So, why did decades go by with the only people feeling the persecution of Islam being those within their immediate grasp? After the world wars and the destruction of the Ottoman Empire, Islam had no wealth and no control and coordination. Furthermore, the rest of the world leaped ahead in technology and ability while Islamic regions sat stagnate in the filth of its controlling ideology. While the tenets of that ideology had no changed one iota in all the centuries it had existed, it no longer had the ability to move forward with the demand to conquer the entire world in the name of the Saudi moon god, Allah.

So, what happened to put Islam on the move, again? One word - oil. Oil meant money, and money meant buying those things the backward culture couldn't create for itself. Ironic, isn't it, that the West's technological leap forward is the very thing that breathed life back into the withering system of forced submission? After all, Islamic states became flush with cash due to our demand for the black gold that just happened to be found under the hooves of camels.

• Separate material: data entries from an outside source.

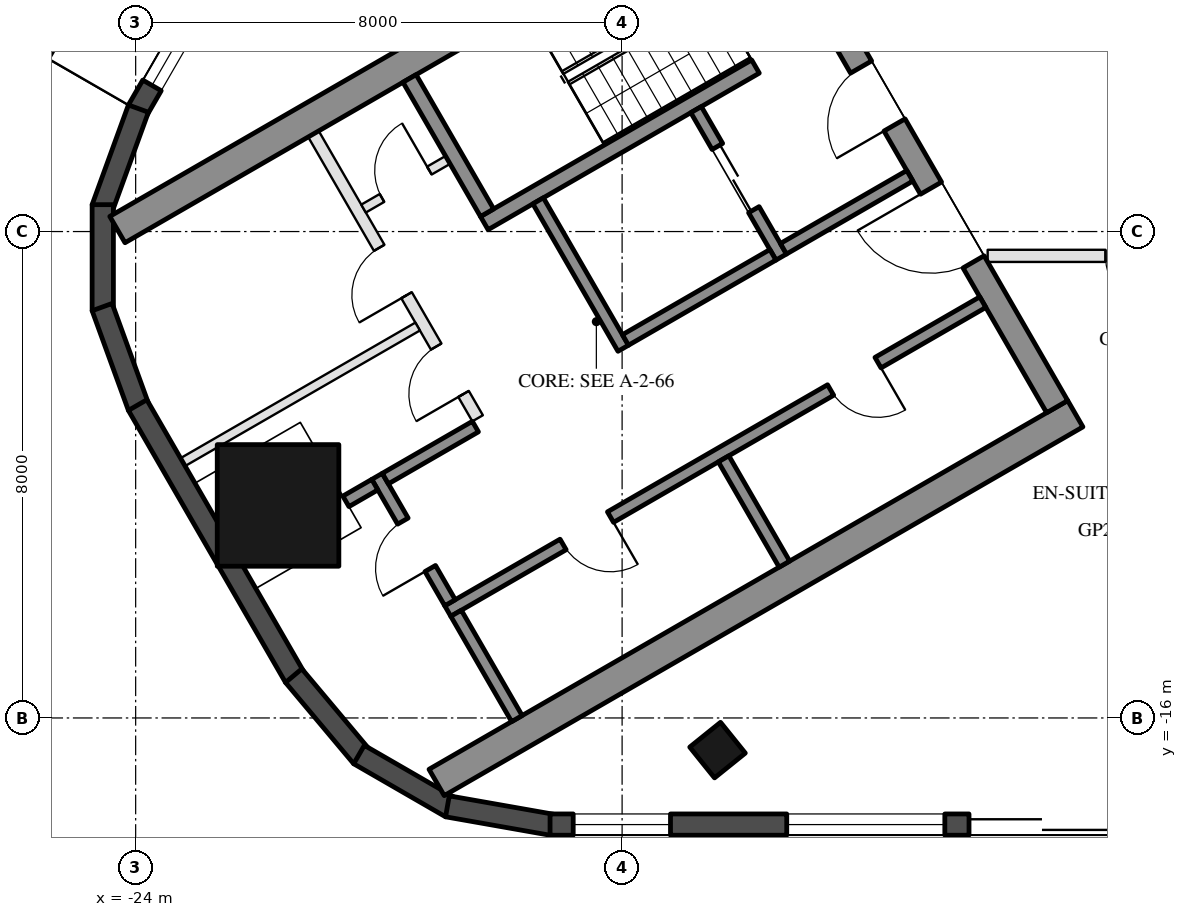
"""IFC4 building model, lengths in metres.
Left out: names, types, materials, properties, quantities, classifications, styles, units other than length and angle.
Written with IfcOpenShell. Run it as: python <this file> out.ifc"""

import sys

from ifc_helpers import new_model, si_unit, direction, frame, frame_2d, origin, origin_2d, place, context, subcontext, project, spatial, rectangle, hollow_rectangle, extrude, boolean, halfspace, element, fill, save


model = new_model("IFC4")
c1 = context("Model", 3, precision=1e-05, world=origin(), true_north=direction((0.0, 1.0)))
c2 = subcontext(c1, "Body", "Model", "MODEL_VIEW")
j1 = project(units=[si_unit("LENGTHUNIT", "METRE"), si_unit("PLANEANGLEUNIT", "RADIAN")], contexts=[c1])
p1 = place(None, origin())
s1 = spatial("IfcSite", under=j1, at=p1, CompositionType="ELEMENT")
p2 = place(p1, origin())
s2 = spatial("IfcBuilding", under=s1, at=p2, CompositionType="ELEMENT")
p3 = place(p2, frame((0.0, 0.0, 287.4)))
s3 = spatial("IfcBuildingStorey", under=s2, at=p3, CompositionType="ELEMENT", Elevation=287.4)
p4 = place(p3, frame((-14.431, -16.529, 0.0), z_axis=(0.121062211455, 0.150389046636, 0.981186565139), x_axis=(-0.992602517882, 0.00920416117, 0.121060005413)))
e1 = element("IfcColumn", 1, at=p4, inside=s3, PredefinedType="COLUMN", context=c2, shape_type="SweptSolid", body=[
    boolean("DIFFERENCE", boolean("DIFFERENCE", extrude(hollow_rectangle(XDim=0.65, YDim=0.65, WallThickness=0.03, at=origin_2d()), origin(), (0.0, 0.0, 1.0), 3.771), halfspace(frame((0.0, 0.0, 0.047), z_axis=(0.0, 0.0, 1.0), x_axis=(1.0, 0.0, 0.0)), True)), halfspace(frame((0.0, 0.0, 3.724), z_axis=(0.0, 0.0, 1.0), x_axis=(1.0, 0.0, 0.0)), False)),
])
p5 = place(p3, frame((-21.658, -12.504, 0.0), z_axis=(0.19033286006, 0.109938628672, 0.975544412268), x_axis=(-0.500170259217, 0.865927082262, 0.0)))
e2 = element("IfcColumn", 2, at=p5, inside=s3, PredefinedType="COLUMN", context=c2, shape_type="SweptSolid", body=[
    boolean("DIFFERENCE", boolean("DIFFERENCE", extrude(hollow_rectangle(XDim=2.0, YDim=2.0, WallThickness=0.05, at=origin_2d()), origin(), (0.0, 0.0, 1.0), 3.793), halfspace(frame((0.0, 0.0, 0.113), z_axis=(0.0, 0.0, 1.0), x_axis=(1.0, 0.0, 0.0)), True)), halfspace(frame((0.0, 0.0, 3.68), z_axis=(0.0, 0.0, 1.0), x_axis=(1.0, 0.0, 0.0)), False)),
])
p6 = place(p3, frame((-22.14, -2.841, 0.0), z_axis=(0.0, 0.0, 1.0), x_axis=(-0.500040506767, -0.866002015928, 0.0)))
e3 = element("IfcWall", 3, at=p6, inside=s3, PredefinedType="SOLIDWALL", context=c2, shape_type="SweptSolid", body=[
    extrude(rectangle(XDim=3.655, YDim=0.35, at=frame_2d((1.827, 0.0))), origin(), (0.0, 0.0, 1.0), 3.55),
])
p7 = place(p6, frame((1.582, 0.0, 0.3)))
e4 = element("IfcOpeningElement", 4, at=p7, cuts=e3, PredefinedType="OPENING", context=c2, shape_type="SweptSolid", body=[
    extrude(rectangle(XDim=1.6, YDim=2.65, at=frame_2d((0.8, 1.325))), frame((0.0, 0.185, 0.0), z_axis=(0.0, -1.0, 0.0), x_axis=(1.0, 0.0, 0.0)), (0.0, 0.0, 1.0), 0.37),
])
for number, where, z_axis, x_axis in (
    (5, (-23.955, -5.978, 0.0), (0.0, 0.0, 1.0), (-0.342, -0.94, 0.0)),
    (6, (-24.541, -7.558, 0.0), (0.0, 0.0, 1.0), (0.0, -1.0, 0.0)),
    (7, (-24.552, -9.242, 0.0), (0.0, 0.0, 1.0), (0.342, -0.94, 0.0)),
):
    element("IfcWall", number, at=place(p3, frame(where, z_axis=z_axis, x_axis=x_axis)), inside=s3, PredefinedType="SOLIDWALL", context=c2, shape_type="SweptSolid", body=[
        extrude(rectangle(XDim=1.745, YDim=0.35, at=frame_2d((0.872, 0.0))), origin(), (0.0, 0.0, 1.0), 3.55),
    ])
p8 = place(p3, frame((-23.968, -10.854, 0.0), z_axis=(0.0, 0.0, 1.0), x_axis=(0.500020983425, -0.866013288659, 0.0)))
e8 = element("IfcWall", 8, at=p8, inside=s3, PredefinedType="SOLIDWALL", context=c2, shape_type="SweptSolid", body=[
    extrude(rectangle(XDim=5.168, YDim=0.35, at=frame_2d((2.584, 0.0))), origin(), (0.0, 0.0, 1.0), 3.55),
])
for number, where, z_axis, x_axis in (
    (9, (-21.401, -15.305, 0.0), (0.0, 0.0, 1.0), (0.643, -0.766, 0.0)),
    (10, (-20.327, -16.602, 0.0), (0.0, 0.0, 1.0), (0.866, -0.5, 0.0)),
    (11, (-18.873, -17.453, 0.0), (0.0, 0.0, 1.0), (0.985, -0.174, 0.0)),
):
    element("IfcWall", number, at=place(p3, frame(where, z_axis=z_axis, x_axis=x_axis)), inside=s3, PredefinedType="SOLIDWALL", context=c2, shape_type="SweptSolid", body=[
        extrude(rectangle(XDim=1.745, YDim=0.35, at=frame_2d((0.872, 0.0))), origin(), (0.0, 0.0, 1.0), 3.55),
    ])
p9 = place(p3, frame((-17.185, -17.754, 0.0), z_axis=(0.0, 0.0, 1.0), x_axis=(1.0, 0.0, 0.0)))
e12 = element("IfcWall", 12, at=p9, inside=s3, PredefinedType="SOLIDWALL", context=c2, shape_type="SweptSolid", body=[
    extrude(rectangle(XDim=10.87, YDim=0.35, at=frame_2d((5.435, 0.0))), origin(), (0.0, 0.0, 1.0), 3.55),
])
p10 = place(p9, frame((0.381, 0.0, 0.3)))
e13 = element("IfcOpeningElement", 13, at=p10, cuts=e12, PredefinedType="OPENING", context=c2, shape_type="SweptSolid", body=[
    extrude(rectangle(XDim=1.6, YDim=2.65, at=frame_2d((0.8, 1.325))), frame((0.0, 0.185, 0.0), z_axis=(0.0, -1.0, 0.0), x_axis=(1.0, 0.0, 0.0)), (0.0, 0.0, 1.0), 0.37),
])
p11 = place(p9, frame((6.89, 0.0, 0.0)))
e14 = element("IfcOpeningElement", 14, at=p11, cuts=e12, PredefinedType="OPENING", context=c2, shape_type="SweptSolid", body=[
    extrude(rectangle(XDim=2.4, YDim=2.4, at=frame_2d((1.2, 1.2))), frame((0.0, 0.185, 0.0), z_axis=(0.0, -1.0, 0.0), x_axis=(1.0, 0.0, 0.0)), (0.0, 0.0, 1.0), 0.37),
])
p12 = place(p9, frame((3.893, 0.0, 0.3)))
e15 = element("IfcOpeningElement", 15, at=p12, cuts=e12, PredefinedType="OPENING", context=c2, shape_type="SweptSolid", body=[
    extrude(rectangle(XDim=2.6, YDim=2.65, at=frame_2d((1.3, 1.325))), frame((0.0, 0.185, 0.0), z_axis=(0.0, -1.0, 0.0), x_axis=(1.0, 0.0, 0.0)), (0.0, 0.0, 1.0), 0.37),
])
for number, where, z_axis, x_axis in (
    (16, (-13.797, -1.903, 0.0), (0.0, 0.0, 1.0), (-0.866, -0.5, 0.0)),
    (17, (-8.547, -10.997, 0.0), (0.0, 0.0, 1.0), (-0.866, -0.5, 0.0)),
):
    element("IfcWall", number, at=place(p3, frame(where, z_axis=z_axis, x_axis=x_axis)), inside=s3, PredefinedType="SHEAR", context=c2, shape_type="SweptSolid", body=[
        extrude(rectangle(XDim=12.129, YDim=0.5, at=frame_2d((6.064, 0.0))), origin(), (0.0, 0.0, 1.0), 3.5),
    ])
p13 = place(p3, frame((-13.845, -2.22, 0.0), z_axis=(0.0, 0.0, 1.0), x_axis=(0.500004234368, -0.866022959057, 0.0)))
e18 = element("IfcWall", 18, at=p13, inside=s3, PredefinedType="SHEAR", context=c2, shape_type="SweptSolid", body=[
    extrude(rectangle(XDim=10.0, YDim=0.4, at=frame_2d((5.0, 0.0))), origin(), (0.0, 0.0, 1.0), 3.5),
])
p14 = place(p13, frame((3.55, 0.0, 0.0)))
e19 = element("IfcOpeningElement", 19, at=p14, cuts=e18, PredefinedType="OPENING", context=c2, shape_type="SweptSolid", body=[
    extrude(rectangle(XDim=1.1, YDim=2.1, at=frame_2d((0.55, 1.05))), frame((0.0, 0.21, 0.0), z_axis=(0.0, -1.0, 0.0), x_axis=(1.0, 0.0, 0.0)), (0.0, 0.0, 1.0), 0.42),
])
p15 = place(p13, frame((5.85, 0.0, 0.0)))
e20 = element("IfcOpeningElement", 20, at=p15, cuts=e18, PredefinedType="OPENING", context=c2, shape_type="SweptSolid", body=[
    extrude(rectangle(XDim=1.4, YDim=2.1, at=frame_2d((0.7, 1.05))), frame((0.0, 0.21, 0.0), z_axis=(0.0, -1.0, 0.0), x_axis=(1.0, 0.0, 0.0)), (0.0, 0.0, 1.0), 0.42),
])
p16 = place(p3, frame((-12.681, -4.636, 0.0), z_axis=(0.0, 0.0, 1.0), x_axis=(-0.866021702275, -0.500006411147, 0.0)))
e21 = element("IfcWall", 21, at=p16, inside=s3, PredefinedType="SHEAR", context=c2, shape_type="SweptSolid", body=[
    extrude(rectangle(XDim=6.45, YDim=0.25, at=frame_2d((3.225, 0.0))), origin(), (0.0, 0.0, 1.0), 3.5),
])
p17 = place(p16, frame((0.3, 0.0, 0.0)))
e22 = element("IfcOpeningElement", 22, at=p17, cuts=e21, PredefinedType="OPENING", context=c2, shape_type="SweptSolid", body=[
    extrude(rectangle(XDim=1.0, YDim=2.1, at=frame_2d((0.5, 1.05))), frame((0.0, 0.135, 0.0), z_axis=(0.0, -1.0, 0.0), x_axis=(1.0, 0.0, 0.0)), (0.0, 0.0, 1.0), 0.27),
])
p18 = place(p3, frame((-19.496, -5.482, 0.0), z_axis=(0.0, 0.0, 1.0), x_axis=(0.499990435942, -0.866030925526, 0.0)))
e23 = element("IfcWall", 23, at=p18, inside=s3, PredefinedType="SHEAR", context=c2, shape_type="SweptSolid", body=[
    extrude(rectangle(XDim=2.55, YDim=0.25, at=frame_2d((1.275, 0.0))), origin(), (0.0, 0.0, 1.0), 3.5),
])
p19 = place(p3, frame((-17.381, -7.495, 0.0), z_axis=(0.0, 0.0, 1.0), x_axis=(0.500011755427, -0.866018616679, 0.0)))
e24 = element("IfcWall", 24, at=p19, inside=s3, PredefinedType="SHEAR", context=c2, shape_type="SweptSolid", body=[
    extrude(rectangle(XDim=2.8, YDim=0.2, at=frame_2d((1.4, 0.0))), origin(), (0.0, 0.0, 1.0), 3.5),
])
p20 = place(p3, frame((-14.783, -5.995, 0.0), z_axis=(0.0, 0.0, 1.0), x_axis=(0.49994636267, -0.866056369097, 0.0)))
e25 = element("IfcWall", 25, at=p20, inside=s3, PredefinedType="SHEAR", context=c2, shape_type="SweptSolid", body=[
    extrude(rectangle(XDim=2.8, YDim=0.2, at=frame_2d((1.4, 0.0))), origin(), (0.0, 0.0, 1.0), 3.5),
])
p21 = place(p20, frame((0.7, 0.0, 0.0)))
e26 = element("IfcOpeningElement", 26, at=p21, cuts=e25, PredefinedType="OPENING", context=c2, shape_type="SweptSolid", body=[
    extrude(rectangle(XDim=1.2, YDim=2.1, at=frame_2d((0.6, 1.05))), frame((0.0, 0.11, 0.0), z_axis=(0.0, -1.0, 0.0), x_axis=(1.0, 0.0, 0.0)), (0.0, 0.0, 1.0), 0.22),
])
p22 = place(p3, frame((-13.52, -8.383, 0.0), z_axis=(0.0, 0.0, 1.0), x_axis=(-0.866034573852, -0.49998411664, 0.0)))
e27 = element("IfcWall", 27, at=p22, inside=s3, PredefinedType="SHEAR", context=c2, shape_type="SweptSolid", body=[
    extrude(rectangle(XDim=2.8, YDim=0.2, at=frame_2d((1.4, 0.0))), origin(), (0.0, 0.0, 1.0), 3.5),
])
p23 = place(p3, frame((-11.268, -7.083, 0.0), z_axis=(0.0, 0.0, 1.0), x_axis=(-0.866050077142, -0.499957262057, 0.0)))
e28 = element("IfcWall", 28, at=p23, inside=s3, PredefinedType="SHEAR", context=c2, shape_type="SweptSolid", body=[
    extrude(rectangle(XDim=2.4, YDim=0.2, at=frame_2d((1.2, 0.0))), origin(), (0.0, 0.0, 1.0), 3.5),
])
p24 = place(p3, frame((-10.068, -9.162, 0.0), z_axis=(0.0, 0.0, 1.0), x_axis=(-0.866032725843, -0.499987317609, 0.0)))
e29 = element("IfcWall", 29, at=p24, inside=s3, PredefinedType="SHEAR", context=c2, shape_type="SweptSolid", body=[
    extrude(rectangle(XDim=10.16, YDim=0.2, at=frame_2d((5.08, 0.0))), origin(), (0.0, 0.0, 1.0), 3.5),
])
p25 = place(p24, frame((1.99, 0.0, 0.0)))
e30 = element("IfcOpeningElement", 30, at=p25, cuts=e29, PredefinedType="OPENING", context=c2, shape_type="SweptSolid", body=[
    extrude(rectangle(XDim=0.9, YDim=2.1, at=frame_2d((0.45, 1.05))), frame((0.0, 0.11, 0.0), z_axis=(0.0, -1.0, 0.0), x_axis=(1.0, 0.0, 0.0)), (0.0, 0.0, 1.0), 0.22),
])
p26 = place(p24, frame((7.07, 0.0, 0.0)))
e31 = element("IfcOpeningElement", 31, at=p26, cuts=e29, PredefinedType="OPENING", context=c2, shape_type="SweptSolid", body=[
    extrude(rectangle(XDim=0.9, YDim=2.1, at=frame_2d((0.45, 1.05))), frame((0.0, 0.11, 0.0), z_axis=(0.0, -1.0, 0.0), x_axis=(1.0, 0.0, 0.0)), (0.0, 0.0, 1.0), 0.22),
])
p27 = place(p3, frame((-20.031, -12.026, 0.0), z_axis=(0.0, 0.0, 1.0), x_axis=(0.500033551112, -0.866006032174, 0.0)))
e32 = element("IfcWall", 32, at=p27, inside=s3, PredefinedType="SHEAR", context=c2, shape_type="SweptSolid", body=[
    extrude(rectangle(XDim=2.4, YDim=0.2, at=frame_2d((1.2, 0.0))), origin(), (0.0, 0.0, 1.0), 3.5),
])
p28 = place(p27, frame((0.85, 0.0, 0.0)))
e33 = element("IfcOpeningElement", 33, at=p28, cuts=e32, PredefinedType="OPENING", context=c2, shape_type="SweptSolid", body=[
    extrude(rectangle(XDim=0.9, YDim=2.1, at=frame_2d((0.45, 1.05))), frame((0.0, 0.11, 0.0), z_axis=(0.0, -1.0, 0.0), x_axis=(1.0, 0.0, 0.0)), (0.0, 0.0, 1.0), 0.22),
])
p29 = place(p3, frame((-18.413, -11.208, 0.0), z_axis=(0.0, 0.0, 1.0), x_axis=(-0.866038183914, -0.499977863513, 0.0)))
e34 = element("IfcWall", 34, at=p29, inside=s3, PredefinedType="SHEAR", context=c2, shape_type="SweptSolid", body=[
    extrude(rectangle(XDim=1.71, YDim=0.2, at=frame_2d((0.855, 0.0))), origin(), (0.0, 0.0, 1.0), 3.5),
])
for number, where, z_axis, x_axis in (
    (35, (-14.331, -11.738, 0.0), (0.0, 0.0, 1.0), (0.5, -0.866, 0.0)),
    (36, (-18.73, -14.278, 0.0), (0.0, 0.0, 1.0), (0.5, -0.866, 0.0)),
):
    element("IfcWall", number, at=place(p3, frame(where, z_axis=z_axis, x_axis=x_axis)), inside=s3, PredefinedType="SHEAR", context=c2, shape_type="SweptSolid", body=[
        extrude(rectangle(XDim=2.0, YDim=0.2, at=frame_2d((1.0, 0.0))), origin(), (0.0, 0.0, 1.0), 3.5),
    ])
p30 = place(p3, frame((-20.067, -12.163, 0.0), z_axis=(0.0, 0.0, 1.0), x_axis=(-0.866044851585, -0.499966313909, 0.0)))
e37 = element("IfcWall", 37, at=p30, inside=s3, PredefinedType="SHEAR", context=c2, shape_type="SweptSolid", body=[
    extrude(rectangle(XDim=0.549, YDim=0.2, at=frame_2d((0.274, 0.0))), origin(), (0.0, 0.0, 1.0), 3.5),
])
p31 = place(p3, frame((-21.076, -6.395, 0.0), z_axis=(0.0, 0.0, 1.0), x_axis=(0.50001468107, -0.866016927499, 0.0)))
e38 = element("IfcWall", 38, at=p31, inside=s3, PredefinedType="PARTITIONING", context=c2, shape_type="SweptSolid", body=[
    extrude(rectangle(XDim=5.4, YDim=0.2, at=frame_2d((2.7, 0.0))), origin(), (0.0, 0.0, 1.0), 3.5),
])
p32 = place(p31, frame((2.163, 0.0, 0.0)))
e39 = element("IfcOpeningElement", 39, at=p32, cuts=e38, PredefinedType="OPENING", context=c2, shape_type="SweptSolid", body=[
    extrude(rectangle(XDim=0.9, YDim=2.1, at=frame_2d((0.45, 1.05))), frame((0.0, 0.11, 0.0), z_axis=(0.0, -1.0, 0.0), x_axis=(1.0, 0.0, 0.0)), (0.0, 0.0, 1.0), 0.22),
])
p33 = place(p31, frame((4.038, 0.0, 0.0)))
e40 = element("IfcOpeningElement", 40, at=p33, cuts=e38, PredefinedType="OPENING", context=c2, shape_type="SweptSolid", body=[
    extrude(rectangle(XDim=0.9, YDim=2.1, at=frame_2d((0.45, 1.05))), frame((0.0, 0.11, 0.0), z_axis=(0.0, -1.0, 0.0), x_axis=(1.0, 0.0, 0.0)), (0.0, 0.0, 1.0), 0.22),
])
p34 = place(p3, frame((-18.866, -6.822, 0.0), z_axis=(0.0, 0.0, 1.0), x_axis=(-0.866028054938, -0.499995408039, 0.0)))
e41 = element("IfcWall", 41, at=p34, inside=s3, PredefinedType="PARTITIONING", context=c2, shape_type="SweptSolid", body=[
    extrude(rectangle(XDim=1.6, YDim=0.15, at=frame_2d((0.8, 0.0))), origin(), (0.0, 0.0, 1.0), 3.5),
])
p35 = place(p34, frame((0.35, 0.0, 0.0)))
e42 = element("IfcOpeningElement", 42, at=p35, cuts=e41, PredefinedType="OPENING", context=c2, shape_type="SweptSolid", body=[
    extrude(rectangle(XDim=0.9, YDim=2.1, at=frame_2d((0.45, 1.05))), frame((0.0, 0.085, 0.0), z_axis=(0.0, -1.0, 0.0), x_axis=(1.0, 0.0, 0.0)), (0.0, 0.0, 1.0), 0.17),
])
p36 = place(p3, frame((-19.363, -9.562, 0.0), z_axis=(0.0, 0.0, 1.0), x_axis=(-0.866024199568, -0.500002085759, 0.0)))
e43 = element("IfcWall", 43, at=p36, inside=s3, PredefinedType="PARTITIONING", context=c2, shape_type="SweptSolid", body=[
    extrude(rectangle(XDim=4.459, YDim=0.15, at=frame_2d((2.229, 0.0))), origin(), (0.0, 0.0, 1.0), 3.5),
])
p37 = place(p3, frame((-5.0, -8.4, 0.0), z_axis=(0.0, 0.0, 1.0), x_axis=(-1.0, 0.0, 0.0)))
e44 = element("IfcWall", 44, at=p37, inside=s3, PredefinedType="PARTITIONING", context=c2, shape_type="SweptSolid", body=[
    extrude(rectangle(XDim=4.988, YDim=0.2, at=frame_2d((2.494, 0.0))), origin(), (0.0, 0.0, 1.0), 3.05),
])
p38 = place(p37, frame((2.05, 0.0, 0.0)))
e45 = element("IfcOpeningElement", 45, at=p38, cuts=e44, PredefinedType="OPENING", context=c2, shape_type="SweptSolid", body=[
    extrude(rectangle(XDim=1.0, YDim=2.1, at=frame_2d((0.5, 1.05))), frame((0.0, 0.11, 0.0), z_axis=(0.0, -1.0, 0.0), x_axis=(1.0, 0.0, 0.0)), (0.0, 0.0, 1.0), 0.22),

Islam must move to take the entire world in the name of Allah. No, not every Muslim must take up the sword and kill the nearest infidel. Learn about the system and you'll see this. Still, as a whole, Islam must conquer. It needs no overt and obvious action against it is necessary; just the insult of its creator, be the insult real or imagined, is all that is necessary to be "aggression" against it.

Now, Islam has the wealth and the equipment to spread death to the rest of the world.


----------



## Slippy (Nov 14, 2013)

Zed said:


> I don't think Obama has that kind of balls.


Please please!!!!

May I post regarding this one?


----------



## Denton (Sep 18, 2012)

*Another thing to remember; the people who committed this atrocity are counted as being the "peaceful" Muslims because they are not waging jihad outside their own borders:*

Muslim relatives of a woman conspired to kill her by placing gasoline in one of her kitchen bottles, causing her to catch fire while cooking and burn to death. The reason? Earlier she had converted to Christianity and refused to return to Islam. Now her husband (also an apostate to Christianity) and children are homeless and on the run; nor will police and other family members help them. The full story follows:
Read more at Burned Alive for Converting to Christianity - Israel News


----------



## oddapple (Dec 9, 2013)

I have been hoping 'ol Vlad would send every muzzle on his continent to the bottom of a Chernobyl pit and the EU, China & us would follow the example - Still hopeful


----------



## firefighter72 (Apr 18, 2014)

Maybe just maybe Putin will do us all a favor and turn them in to a giant piece of nuclear glass.


----------